Digging further down in the doc, however, the samples seem to do the
actual authentication only after the handshake. What, of course, makes
sense if you can't trust the cert during the handshake. ... but I have
to admit I am puzzled now ;)

>>>I suggest completing the
>>> handshake as normal, and then compare fingerprints.  If fingerprint
>>> comparisons fails, shut down the TLS session.
>> Actually, this is what I am currently doing. BUT... the syslog story
>> is even worse ;) Syslog is simplex communication and the syslog TLS
>> internet draft in question maps this simplex nature onto a TCP stream
>> WITHOUT acknowledgments (except for the TCP ack, of course). While
>> this sounds quite strange, there are some good reasons for doing so (I
>> do not elaborate, because it would end up at a veeeeery long off-topic
>> post).
>> Of course, there are inherent problems. One is that after the
>> handshake completes, the sender  assumes it may send syslog messages.
>> When the server then drops the connection, some of these messages are
>> lost, but the sender can not detect which ones exactly. This is NOT
>> theoretical, I experience that in my lab. It was the reason I asked
>> the initial question. If you would like to dig deeper into that
>> problem, you can find a good description in a blog post I wrote a
>> while ago: http://rgerhards.blogspot.com/2008/04/on-unreliability-of-plain-tcp-syslog.html
>> The only solution to this problem is to have the fingerprint
>> authentication carried out during the handshake procedure - so that
>> the server does NOT need to drop the connection after the handshake
>> (at least not for authentication reasons).
> I understand.  I think this problem is one reason why the fingerprint
> mechanism is considered a hack.
> If you verify the fingerprint during the TLS handshake, you open up for
> a man in the middle that can cause authentication failures to occur
> without that being possible to detect.  Read that again carefully to
> understand it -- it does not enable man in the middle attackers to read
> any traffic, just that they can simulate a failed fingerprint
> authentication.  If this moves forward in the IETF, that should be in
> the security considerations.

I understood and I will propose to mention it in the security
considerations section.

> Another problem this causes is hash agility: how can the protocol to
> handle when SHA-1 is publicly broken and one needs to change to another
> hash?  OpenPGP has a similar problem with key fingerprints, I think, and
> I don't know of any simple solutions.

This is actually handled: the fingerprint comes along with an
identification of the algorithm that was used the generate the
fingerprint.

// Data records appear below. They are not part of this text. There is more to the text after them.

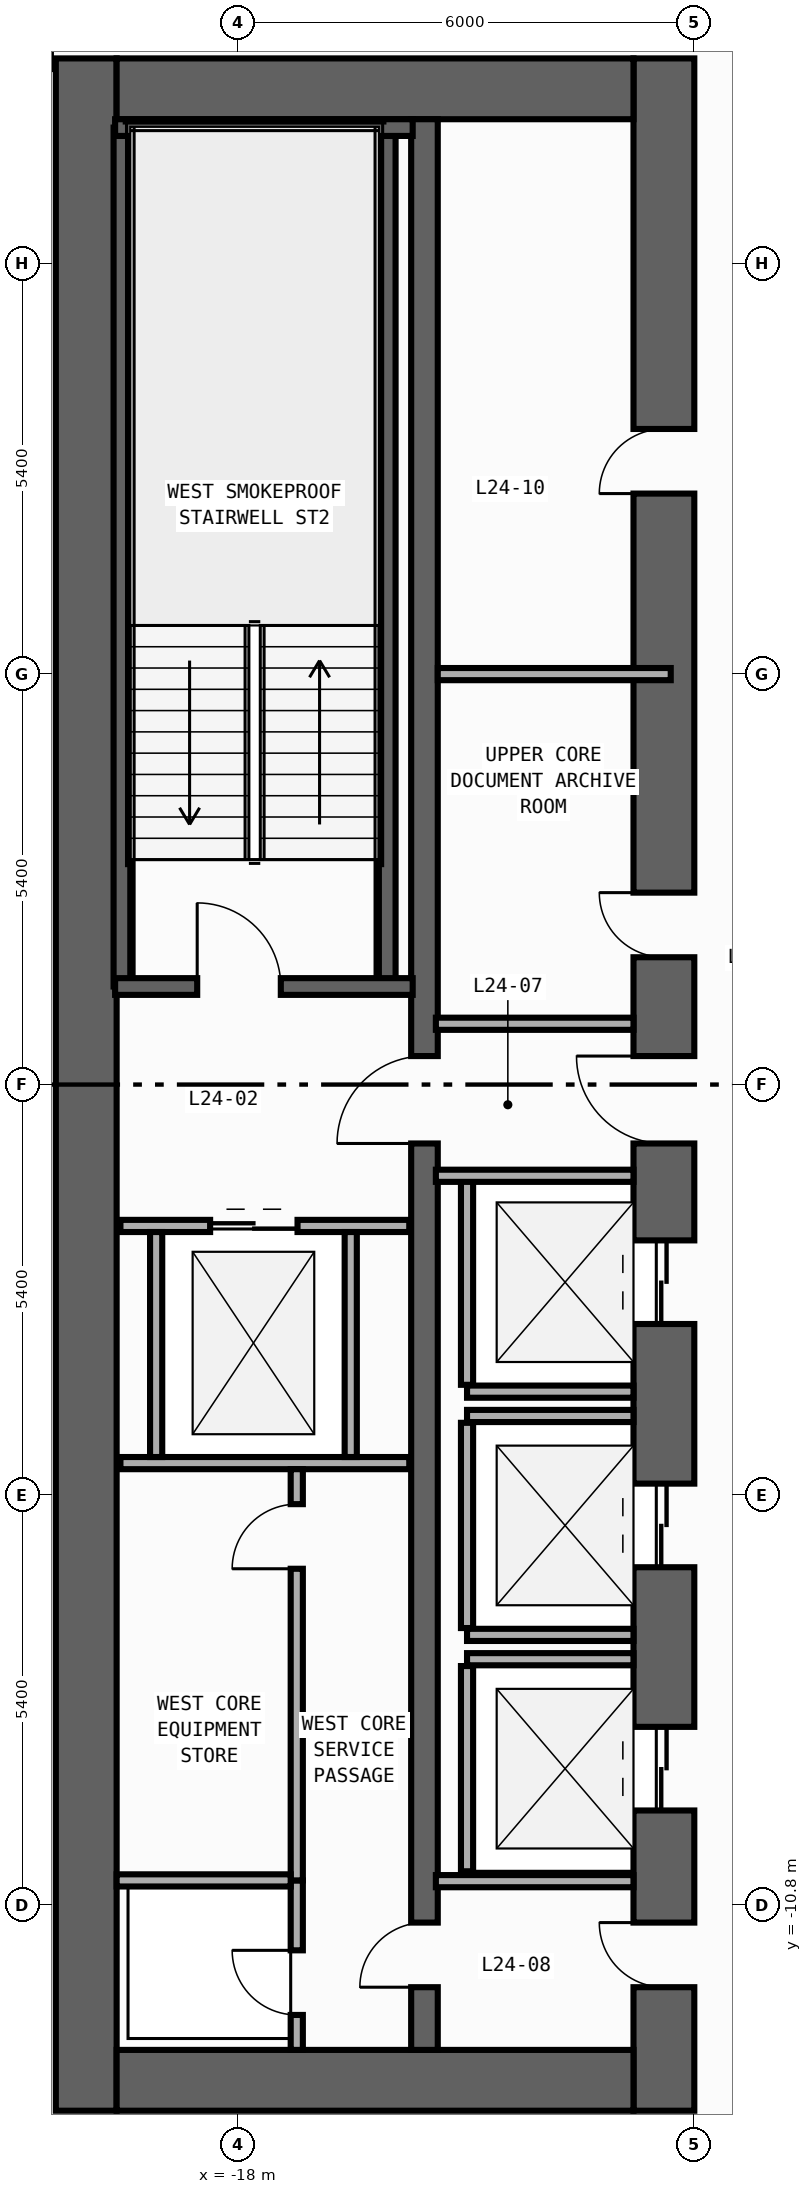
"""IFC4 building model, lengths in metres.
Left out: names, types, materials, properties, quantities, classifications, styles, units other than length and angle.
Written with IfcOpenShell. Run it as: python <this file> out.ifc"""

import sys

from ifc_helpers import new_model, si_unit, direction, frame, frame_2d, origin, place, context, subcontext, project, spatial, rectangle, extrude, element, fill, save


model = new_model("IFC4")
c1 = context("Model", 3, precision=1e-05, world=origin(), true_north=direction((0.0, 1.0)))
c2 = subcontext(c1, "Body", "Model", "MODEL_VIEW")
j1 = project(units=[si_unit("LENGTHUNIT", "METRE"), si_unit("PLANEANGLEUNIT", "RADIAN")], contexts=[c1])
p1 = place(None, origin())
s1 = spatial("IfcSite", under=j1, at=p1, CompositionType="ELEMENT")
p2 = place(p1, origin())
s2 = spatial("IfcBuilding", under=s1, at=p2, CompositionType="ELEMENT")
p3 = place(p2, frame((0.0, 0.0, 105.8)))
s3 = spatial("IfcBuildingStorey", under=s2, at=p3, CompositionType="ELEMENT", Elevation=105.8)
p4 = place(p3, frame((-20.0, -13.5, 0.0), z_axis=(0.0, 0.0, 1.0), x_axis=(0.0, 1.0, 0.0)))
e1 = element("IfcWall", 1, at=p4, inside=s3, PredefinedType="SHEAR", context=c2, shape_type="SweptSolid", body=[
    extrude(rectangle(XDim=27.0, YDim=0.8, at=frame_2d((13.5, 0.0))), origin(), (0.0, 0.0, 1.0), 3.94),
])
p5 = place(p3, frame((-12.4, -13.5, 0.0), z_axis=(0.0, 0.0, 1.0), x_axis=(0.0, 1.0, 0.0)))
e2 = element("IfcWall", 2, at=p5, inside=s3, PredefinedType="SHEAR", context=c2, shape_type="SweptSolid", body=[
    extrude(rectangle(XDim=27.0, YDim=0.8, at=frame_2d((13.5, 0.0))), origin(), (0.0, 0.0, 1.0), 3.94),
])
p6 = place(p5, frame((10.35, 0.0, 0.0)))
e3 = element("IfcOpeningElement", 3, at=p6, cuts=e2, PredefinedType="OPENING", context=c2, shape_type="SweptSolid", body=[
    extrude(rectangle(XDim=1.1, YDim=2.2, at=frame_2d((0.55, 1.1))), frame((0.0, 0.41, 0.0), z_axis=(0.0, -1.0, 0.0), x_axis=(1.0, 0.0, 0.0)), (0.0, 0.0, 1.0), 0.82),
])
p7 = place(p5, frame((7.15, 0.0, 0.0)))
e4 = element("IfcOpeningElement", 4, at=p7, cuts=e2, PredefinedType="OPENING", context=c2, shape_type="SweptSolid", body=[
    extrude(rectangle(XDim=1.1, YDim=2.2, at=frame_2d((0.55, 1.1))), frame((0.0, 0.41, 0.0), z_axis=(0.0, -1.0, 0.0), x_axis=(1.0, 0.0, 0.0)), (0.0, 0.0, 1.0), 0.82),
])
p8 = place(p5, frame((3.95, 0.0, 0.0)))
e5 = element("IfcOpeningElement", 5, at=p8, cuts=e2, PredefinedType="OPENING", context=c2, shape_type="SweptSolid", body=[
    extrude(rectangle(XDim=1.1, YDim=2.2, at=frame_2d((0.55, 1.1))), frame((0.0, 0.41, 0.0), z_axis=(0.0, -1.0, 0.0), x_axis=(1.0, 0.0, 0.0)), (0.0, 0.0, 1.0), 0.82),
])
p9 = place(p5, frame((15.175, 0.0, 0.0)))
e6 = element("IfcOpeningElement", 6, at=p9, cuts=e2, PredefinedType="OPENING", context=c2, shape_type="SweptSolid", body=[
    extrude(rectangle(XDim=0.85, YDim=2.1, at=frame_2d((0.425, 1.05))), frame((0.0, 0.41, 0.0), z_axis=(0.0, -1.0, 0.0), x_axis=(1.0, 0.0, 0.0)), (0.0, 0.0, 1.0), 0.82),
])
p10 = place(p5, frame((21.275, 0.0, 0.0)))
e7 = element("IfcOpeningElement", 7, at=p10, cuts=e2, PredefinedType="OPENING", context=c2, shape_type="SweptSolid", body=[
    extrude(rectangle(XDim=0.85, YDim=2.1, at=frame_2d((0.425, 1.05))), frame((0.0, 0.41, 0.0), z_axis=(0.0, -1.0, 0.0), x_axis=(1.0, 0.0, 0.0)), (0.0, 0.0, 1.0), 0.82),
])
p11 = place(p5, frame((12.725, 0.0, 0.0)))
e8 = element("IfcOpeningElement", 8, at=p11, cuts=e2, PredefinedType="OPENING", context=c2, shape_type="SweptSolid", body=[
    extrude(rectangle(XDim=1.15, YDim=2.2, at=frame_2d((0.575, 1.1))), frame((0.0, 0.41, 0.0), z_axis=(0.0, -1.0, 0.0), x_axis=(1.0, 0.0, 0.0)), (0.0, 0.0, 1.0), 0.82),
])
p12 = place(p5, frame((1.625, 0.0, 0.0)))
e9 = element("IfcOpeningElement", 9, at=p12, cuts=e2, PredefinedType="OPENING", context=c2, shape_type="SweptSolid", body=[
    extrude(rectangle(XDim=0.85, YDim=2.1, at=frame_2d((0.425, 1.05))), frame((0.0, 0.41, 0.0), z_axis=(0.0, -1.0, 0.0), x_axis=(1.0, 0.0, 0.0)), (0.0, 0.0, 1.0), 0.82),
])
for number, where, z_axis, x_axis in (
    (10, (-19.6, -13.1, 0.0), (0.0, 0.0, 1.0), (1.0, 0.0, 0.0)),
    (11, (-19.6, 13.1, 0.0), (0.0, 0.0, 1.0), (1.0, 0.0, 0.0)),
):
    element("IfcWall", number, at=place(p3, frame(where, z_axis=z_axis, x_axis=x_axis)), inside=s3, PredefinedType="SHEAR", context=c2, shape_type="SweptSolid", body=[
        extrude(rectangle(XDim=6.8, YDim=0.8, at=frame_2d((3.4, 0.0))), origin(), (0.0, 0.0, 1.0), 3.94),
    ])
p13 = place(p3, frame((-15.55, -12.7, 0.0), z_axis=(0.0, 0.0, 1.0), x_axis=(0.0, 1.0, 0.0)))
e12 = element("IfcWall", 12, at=p13, inside=s3, PredefinedType="SHEAR", context=c2, shape_type="SweptSolid", body=[
    extrude(rectangle(XDim=25.4, YDim=0.35, at=frame_2d((12.7, 0.0))), origin(), (0.0, 0.0, 1.0), 3.94),
])
p14 = place(p13, frame((11.925, 0.0, 0.0)))
e13 = element("IfcOpeningElement", 13, at=p14, cuts=e12, PredefinedType="OPENING", context=c2, shape_type="SweptSolid", body=[
    extrude(rectangle(XDim=1.15, YDim=2.2, at=frame_2d((0.575, 1.1))), frame((0.0, 0.185, 0.0), z_axis=(0.0, -1.0, 0.0), x_axis=(1.0, 0.0, 0.0)), (0.0, 0.0, 1.0), 0.37),
])
p15 = place(p13, frame((0.825, 0.0, 0.0)))
e14 = element("IfcOpeningElement", 14, at=p15, cuts=e12, PredefinedType="OPENING", context=c2, shape_type="SweptSolid", body=[
    extrude(rectangle(XDim=0.85, YDim=2.1, at=frame_2d((0.425, 1.05))), frame((0.0, 0.185, 0.0), z_axis=(0.0, -1.0, 0.0), x_axis=(1.0, 0.0, 0.0)), (0.0, 0.0, 1.0), 0.37),
])
for number, where, z_axis, x_axis in (
    (15, (-16.04, 1.29, 0.0), (0.0, 0.0, 1.0), (0.0, 1.0, 0.0)),
    (16, (-19.53, 1.29, 0.0), (0.0, 0.0, 1.0), (0.0, 1.0, 0.0)),
):
    element("IfcWall", number, at=place(p3, frame(where, z_axis=z_axis, x_axis=x_axis)), inside=s3, PredefinedType="SHEAR", context=c2, shape_type="SweptSolid", body=[
        extrude(rectangle(XDim=11.3, YDim=0.22, at=frame_2d((5.65, 0.0))), origin(), (0.0, 0.0, 1.0), 3.94),
    ])
p16 = place(p3, frame((-19.62, 12.59, 0.0), z_axis=(0.0, 0.0, 1.0), x_axis=(1.0, 0.0, 0.0)))
e17 = element("IfcWall", 17, at=p16, inside=s3, PredefinedType="SHEAR", context=c2, shape_type="SweptSolid", body=[
    extrude(rectangle(XDim=3.915, YDim=0.22, at=frame_2d((1.958, 0.0))), origin(), (0.0, 0.0, 1.0), 3.94),
])
p17 = place(p3, frame((-19.62, 1.29, 0.0), z_axis=(0.0, 0.0, 1.0), x_axis=(1.0, 0.0, 0.0)))
e18 = element("IfcWall", 18, at=p17, inside=s3, PredefinedType="SHEAR", context=c2, shape_type="SweptSolid", body=[
    extrude(rectangle(XDim=3.915, YDim=0.22, at=frame_2d((1.958, 0.0))), origin(), (0.0, 0.0, 1.0), 3.94),
])
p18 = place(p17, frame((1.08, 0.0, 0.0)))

So it is possible, in a migration period, to support both
weak and strong algos. Applications implementing the draft need to
have capabilities to display the fingerprint. For the time being, my
initial implementation will support just SHA1, but once I have the
initial set done, I'll provision for additional algorithms. Of course,
they require actual implementation once they are defined. But that's a
different story...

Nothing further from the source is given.